Vier Kamele, ein Hund und die Wildnis

1975 kommt die junge Robyn Davidson (Mia Wasikowska) mit einem scheinbar verrückten Traum nach Alice Springs: Sie will zu Fuß die australische Wüste bis zum Indischen Ozean durchqueren – 2.700 Kilometer durch eine lebensfeindliche Wildnis, begleitet nur von vier störrischen Kamelen und ihrem geliebten Hund. Ihre Freunde und Eltern können Robyn ebenso wenig zurückhalten wie die vielen Widrigkeiten, die mit ihrem Plan verbunden sind. Als sie nach langer Vorbereitung plötzlich mit leeren Händen dasteht, macht Robyn einen Deal mit dem Fotografen Rick Smolan (Adam Driver): Er finanziert ihre Reise und darf sie dafür gelegentlich für ein Magazin fotografieren. Fern der Zivilisation erkennt Robyn langsam, was sie wirklich zum Glücklichsein braucht. Doch nicht nur die Fototermine mit Smolan stören ihr neu gewonnenes Gleichgewicht. Je länger die Reise dauert, desto öfter gerät Robyn in lebensgefährliche Situationen.

Sie suchte die Einsamkeit – und wurde weltberühmt. Mit ihrem Buch „Spuren“ über ihre einzigartige Reise durch die Wüste ihrer Heimat, begeisterte und inspirierte die Australierin Robyn Davidson Millionen von Lesern. Nun endlich kommt diese auch heute noch bemerkenswerte emotionale und körperliche Grenzerfahrung auf die Leinwand. Shooting Star Mia Wasikowska („Alice im Wunderland“) verkörpert dabei die Entschlossenheit und Verletzbarkeit Davidsons auf unvergleichliche Weise.

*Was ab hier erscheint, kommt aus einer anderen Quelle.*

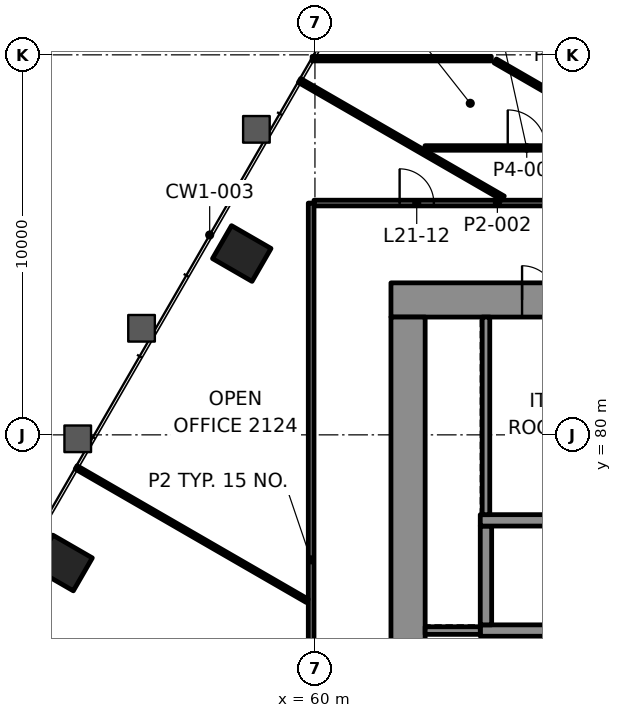
"""IFC4 building model, lengths in metres.
Left out: names, types, materials, properties, quantities, classifications, styles, units other than length and angle.
Written with IfcOpenShell. Run it as: python <this file> out.ifc"""

import sys

from ifc_helpers import new_model, si_unit, direction, frame, frame_2d, origin, origin_2d, place, context, subcontext, project, spatial, rectangle, extrude, element, fill, save


model = new_model("IFC4")
c1 = context("Model", 3, precision=1e-05, world=origin(), true_north=direction((0.0, 1.0)))
c2 = subcontext(c1, "Body", "Model", "MODEL_VIEW")
j1 = project(units=[si_unit("LENGTHUNIT", "METRE"), si_unit("PLANEANGLEUNIT", "RADIAN")], contexts=[c1])
p1 = place(None, origin())
s1 = spatial("IfcSite", under=j1, at=p1, CompositionType="ELEMENT")
p2 = place(p1, origin())
s2 = spatial("IfcBuilding", under=s1, at=p2, CompositionType="ELEMENT")
p3 = place(p2, frame((0.0, 0.0, 94.6)))
s3 = spatial("IfcBuildingStorey", under=s2, at=p3, CompositionType="ELEMENT", Elevation=94.6)
for number, where, z_axis, x_axis in (
    (1, (58.074, 84.772, -0.0), (0.0, 0.0, 1.0), (-0.5, -0.866, 0.0)),
    (2, (53.373, 76.628, -0.0), (0.0, 0.0, 1.0), (-0.5, -0.866, 0.0)),
):
    element("IfcColumn", number, at=place(p3, frame(where, z_axis=z_axis, x_axis=x_axis)), inside=s3, PredefinedType="COLUMN", context=c2, shape_type="SweptSolid", body=[
        extrude(rectangle(XDim=1.0, YDim=1.2, at=origin_2d()), origin(), (0.0, 0.0, 1.0), 4.2),
    ])
p4 = place(p3, frame((62.0, 83.55, 0.0), z_axis=(0.0, 0.0, 1.0), x_axis=(1.0, 0.0, 0.0)))
e3 = element("IfcWall", 3, at=p4, inside=s3, PredefinedType="SHEAR", context=c2, shape_type="SweptSolid", body=[
    extrude(rectangle(XDim=26.0, YDim=0.9, at=frame_2d((13.0, 0.0))), origin(), (0.0, 0.0, 1.0), 4.0),
])
p5 = place(p4, frame((5.695, 0.0, 0.0)))
e4 = element("IfcOpeningElement", 4, at=p5, cuts=e3, PredefinedType="OPENING", context=c2, shape_type="SweptSolid", body=[
    extrude(rectangle(XDim=1.0, YDim=2.1, at=frame_2d((0.5, 1.05))), frame((0.0, 0.46, 0.0), z_axis=(0.0, -1.0, 0.0), x_axis=(1.0, 0.0, 0.0)), (0.0, 0.0, 1.0), 0.92),
])
p6 = place(p4, frame((19.505, 0.0, 0.0)))
e5 = element("IfcOpeningElement", 5, at=p6, cuts=e3, PredefinedType="OPENING", context=c2, shape_type="SweptSolid", body=[
    extrude(rectangle(XDim=1.0, YDim=2.1, at=frame_2d((0.5, 1.05))), frame((0.0, 0.46, 0.0), z_axis=(0.0, -1.0, 0.0), x_axis=(1.0, 0.0, 0.0)), (0.0, 0.0, 1.0), 0.92),
])
p7 = place(p4, frame((3.45, 0.0, 0.0)))
e6 = element("IfcOpeningElement", 6, at=p7, cuts=e3, PredefinedType="OPENING", context=c2, shape_type="SweptSolid", body=[
    extrude(rectangle(XDim=0.9, YDim=2.1, at=frame_2d((0.45, 1.05))), frame((0.0, 0.46, 0.0), z_axis=(0.0, -1.0, 0.0), x_axis=(1.0, 0.0, 0.0)), (0.0, 0.0, 1.0), 0.92),
])
p8 = place(p4, frame((12.65, 0.0, 0.0)))
e7 = element("IfcOpeningElement", 7, at=p8, cuts=e3, PredefinedType="OPENING", context=c2, shape_type="SweptSolid", body=[
    extrude(rectangle(XDim=0.9, YDim=2.1, at=frame_2d((0.45, 1.05))), frame((0.0, 0.46, 0.0), z_axis=(0.0, -1.0, 0.0), x_axis=(1.0, 0.0, 0.0)), (0.0, 0.0, 1.0), 0.92),
])
p9 = place(p4, frame((22.55, 0.0, 0.0)))
e8 = element("IfcOpeningElement", 8, at=p9, cuts=e3, PredefinedType="OPENING", context=c2, shape_type="SweptSolid", body=[
    extrude(rectangle(XDim=0.9, YDim=2.1, at=frame_2d((0.45, 1.05))), frame((0.0, 0.46, 0.0), z_axis=(0.0, -1.0, 0.0), x_axis=(1.0, 0.0, 0.0)), (0.0, 0.0, 1.0), 0.92),
])
p10 = place(p3, frame((62.45, 66.9, 0.0), z_axis=(0.0, 0.0, 1.0), x_axis=(0.0, 1.0, 0.0)))
e9 = element("IfcWall", 9, at=p10, inside=s3, PredefinedType="SHEAR", context=c2, shape_type="SweptSolid", body=[
    extrude(rectangle(XDim=16.2, YDim=0.9, at=frame_2d((8.1, 0.0))), origin(), (0.0, 0.0, 1.0), 4.0),
])
p11 = place(p10, frame((5.5, 0.0, 0.0)))
e10 = element("IfcOpeningElement", 10, at=p11, cuts=e9, PredefinedType="OPENING", context=c2, shape_type="SweptSolid", body=[
    extrude(rectangle(XDim=1.8, YDim=2.1, at=frame_2d((0.9, 1.05))), frame((0.0, 0.46, 0.0), z_axis=(0.0, -1.0, 0.0), x_axis=(1.0, 0.0, 0.0)), (0.0, 0.0, 1.0), 0.92),
])
p12 = place(p3, frame((64.35, 74.85, 0.0), z_axis=(0.0, 0.0, 1.0), x_axis=(1.0, 0.0, 0.0)))
e11 = element("IfcWall", 11, at=p12, inside=s3, PredefinedType="SHEAR", context=c2, shape_type="SweptSolid", body=[
    extrude(rectangle(XDim=3.1, YDim=0.3, at=frame_2d((1.55, 0.0))), origin(), (0.0, 0.0, 1.0), 4.0),
])
p13 = place(p3, frame((64.5, 75.0, 0.0), z_axis=(0.0, 0.0, 1.0), x_axis=(0.0, 1.0, 0.0)))
e12 = element("IfcWall", 12, at=p13, inside=s3, PredefinedType="SHEAR", context=c2, shape_type="SweptSolid", body=[
    extrude(rectangle(XDim=2.6, YDim=0.3, at=frame_2d((1.3, 0.0))), origin(), (0.0, 0.0, 1.0), 4.0),
])
p14 = place(p3, frame((64.35, 77.75, 0.0), z_axis=(0.0, 0.0, 1.0), x_axis=(1.0, 0.0, 0.0)))
e13 = element("IfcWall", 13, at=p14, inside=s3, PredefinedType="SHEAR", context=c2, shape_type="SweptSolid", body=[
    extrude(rectangle(XDim=22.75, YDim=0.3, at=frame_2d((11.375, 0.0))), origin(), (0.0, 0.0, 1.0), 4.0),
])
p15 = place(p14, frame((3.345, 0.0, 0.0)))
e14 = element("IfcOpeningElement", 14, at=p15, cuts=e13, PredefinedType="OPENING", context=c2, shape_type="SweptSolid", body=[
    extrude(rectangle(XDim=1.0, YDim=2.1, at=frame_2d((0.5, 1.05))), frame((0.0, 0.16, 0.0), z_axis=(0.0, -1.0, 0.0), x_axis=(1.0, 0.0, 0.0)), (0.0, 0.0, 1.0), 0.32),
])
p16 = place(p3, frame((59.976, 86.1, 0.0), z_axis=(0.0, 0.0, 1.0), x_axis=(1.0, 0.0, 0.0)))
e15 = element("IfcWall", 15, at=p16, inside=s3, PredefinedType="PARTITIONING", context=c2, shape_type="SweptSolid", body=[
    extrude(rectangle(XDim=9.649, YDim=0.15, at=frame_2d((4.825, 0.0))), origin(), (0.0, 0.0, 1.0), 3.4),
])
p17 = place(p16, frame((2.252, 0.0, 0.0)))
e16 = element("IfcOpeningElement", 16, at=p17, cuts=e15, PredefinedType="OPENING", context=c2, shape_type="SweptSolid", body=[
    extrude(rectangle(XDim=0.9, YDim=2.1, at=frame_2d((0.45, 1.05))), frame((0.0, 0.085, 0.0), z_axis=(0.0, -1.0, 0.0), x_axis=(1.0, 0.0, 0.0)), (0.0, 0.0, 1.0), 0.17),
])
p18 = place(p16, frame((6.723, 0.0, 0.0)))
e17 = element("IfcOpeningElement", 17, at=p18, cuts=e15, PredefinedType="OPENING", context=c2, shape_type="SweptSolid", body=[
    extrude(rectangle(XDim=1.2, YDim=2.1, at=frame_2d((0.6, 1.05))), frame((0.0, 0.085, 0.0), z_axis=(0.0, -1.0, 0.0), x_axis=(1.0, 0.0, 0.0)), (0.0, 0.0, 1.0), 0.17),
])
p19 = place(p3, frame((62.896, 87.55, 0.0), z_axis=(0.0, 0.0, 1.0), x_axis=(1.0, 0.0, 0.0)))
e18 = element("IfcWall", 18, at=p19, inside=s3, PredefinedType="PARTITIONING", context=c2, shape_type="SweptSolid", body=[
    extrude(rectangle(XDim=5.354, YDim=0.12, at=frame_2d((2.677, 0.0))), origin(), (0.0, 0.0, 1.0), 3.4),
])
p20 = place(p19, frame((2.177, 0.0, 0.0)))
e19 = element("IfcOpeningElement", 19, at=p20, cuts=e18, PredefinedType="OPENING", context=c2, shape_type="SweptSolid", body=[
    extrude(rectangle(XDim=1.0, YDim=2.1, at=frame_2d((0.5, 1.05))), frame((0.0, 0.07, 0.0), z_axis=(0.0, -1.0, 0.0), x_axis=(1.0, 0.0, 0.0)), (0.0, 0.0, 1.0), 0.14),
])
p21 = place(p3, frame((59.927, 89.9, 0.0), z_axis=(0.0, 0.0, 1.0), x_axis=(1.0, 0.0, 0.0)))
e20 = element("IfcWall", 20, at=p21, inside=s3, PredefinedType="PARTITIONING", context=c2, shape_type="SweptSolid", body=[
    extrude(rectangle(XDim=4.714, YDim=0.12, at=frame_2d((2.357, 0.0))), origin(), (0.0, 0.0, 1.0), 3.165),
])
p22 = place(p3, frame((59.9, 67.321, 0.0), z_axis=(0.0, 0.0, 1.0), x_axis=(0.0, 1.0, 0.0)))
e21 = element("IfcWall", 21, at=p22, inside=s3, PredefinedType="PARTITIONING", context=c2, shape_type="SweptSolid", body=[
    extrude(rectangle(XDim=18.778, YDim=0.15, at=frame_2d((9.389, 0.0))), origin(), (0.0, 0.0, 1.0), 3.4),
])
p23 = place(p3, frame((68.155, 87.871, 0.0), z_axis=(0.0, 0.0, 1.0), x_axis=(-0.866041060244, 0.499972881236, 0.0)))
e22 = element("IfcWall", 22, at=p23, inside=s3, PredefinedType="PARTITIONING", context=c2, shape_type="SweptSolid", body=[
    extrude(rectangle(XDim=3.938, YDim=0.12, at=frame_2d((1.969, 0.0))), origin(), (0.0, 0.0, 1.0), 3.4),
])
p24 = place(p3, frame((64.953, 86.23, 0.0), z_axis=(0.0, 0.0, 1.0), x_axis=(-0.866029863972, 0.499992274648, 0.0)))
e23 = element("IfcWall", 23, at=p24, inside=s3, PredefinedType="PARTITIONING", context=c2, shape_type="SweptSolid", body=[
    extrude(rectangle(XDim=6.188, YDim=0.12, at=frame_2d((3.094, 0.0))), origin(), (0.0, 0.0, 1.0), 3.165),
])
p25 = place(p3, frame((59.799, 75.632, 0.0), z_axis=(0.0, 0.0, 1.0), x_axis=(-0.866018287837, 0.500012324981, 0.0)))
e24 = element("IfcWall", 24, at=p25, inside=s3, PredefinedType="PARTITIONING", context=c2, shape_type="SweptSolid", body=[
    extrude(rectangle(XDim=7.023, YDim=0.1, at=frame_2d((3.512, 0.0))), origin(), (0.0, 0.0, 1.0), 3.165),
])
p26 = place(p3, frame((62.9, 74.85, 0.0), z_axis=(0.0, 0.0, 1.0), x_axis=(1.0, 0.0, 0.0)))
e25 = element("IfcWall", 25, at=p26, inside=s3, PredefinedType="PARTITIONING", context=c2, shape_type="SweptSolid", body=[
    extrude(rectangle(XDim=1.45, YDim=0.2, at=frame_2d((0.725, 0.0))), origin(), (0.0, 0.0, 1.0), 4.0),
])
p27 = place(p3, frame((64.5, 77.9, 0.0), z_axis=(0.0, 0.0, 1.0), x_axis=(0.0, 1.0, 0.0)))
e26 = element("IfcWall", 26, at=p27, inside=s3, PredefinedType="PARTITIONING", context=c2, shape_type="SweptSolid", body=[
    extrude(rectangle(XDim=5.2, YDim=0.2, at=frame_2d((2.6, 0.0))), origin(), (0.0, 0.0, 1.0), 4.0),
])
p28 = place(p17, origin())
e27 = element("IfcDoor", 27, at=p28, inside=s3, OperationType="SINGLE_SWING_LEFT", PredefinedType="DOOR", context=c2, shape_type="SweptSolid", body=[
    extrude(rectangle(XDim=0.9, YDim=2.1, at=frame_2d((0.45, 1.05))), frame((0.0, 0.025, 0.0), z_axis=(0.0, -1.0, 0.0), x_axis=(1.0, 0.0, 0.0)), (0.0, 0.0, 1.0), 0.05),
])
fill(e16, e27)
p29 = place(p20, origin())
e28 = element("IfcDoor", 28, at=p29, inside=s3, OperationType="SINGLE_SWING_RIGHT", PredefinedType="DOOR", context=c2, shape_type="SweptSolid", body=[
    extrude(rectangle(XDim=1.0, YDim=2.1, at=frame_2d((0.5, 1.05))), frame((0.0, 0.025, 0.0), z_axis=(0.0, -1.0, 0.0), x_axis=(1.0, 0.0, 0.0)), (0.0, 0.0, 1.0), 0.05),
])
fill(e19, e28)
p30 = place(p7, origin())
e29 = element("IfcDoor", 29, at=p30, inside=s3, OperationType="SINGLE_SWING_RIGHT", PredefinedType="DOOR", context=c2, shape_type="SweptSolid", body=[
    extrude(rectangle(XDim=0.9, YDim=2.1, at=frame_2d((0.45, 1.05))), frame((0.0, 0.17, 0.0), z_axis=(0.0, -1.0, 0.0), x_axis=(1.0, 0.0, 0.0)), (0.0, 0.0, 1.0), 0.34),
])
fill(e6, e29)
save(model, sys.argv[1])

Unterstützung bekommt sie dabei von Adam Driver („Inside Llewyn Davis“), einem der derzeit angesagtesten Jungdarsteller Hollywoods.

Mia Wasikowska ("Alive im Wunderland") spielt die Hauptrolle in "Spuren".

Mia Wasikowska („Alive im Wunderland“) spielt die Hauptrolle in „Spuren“.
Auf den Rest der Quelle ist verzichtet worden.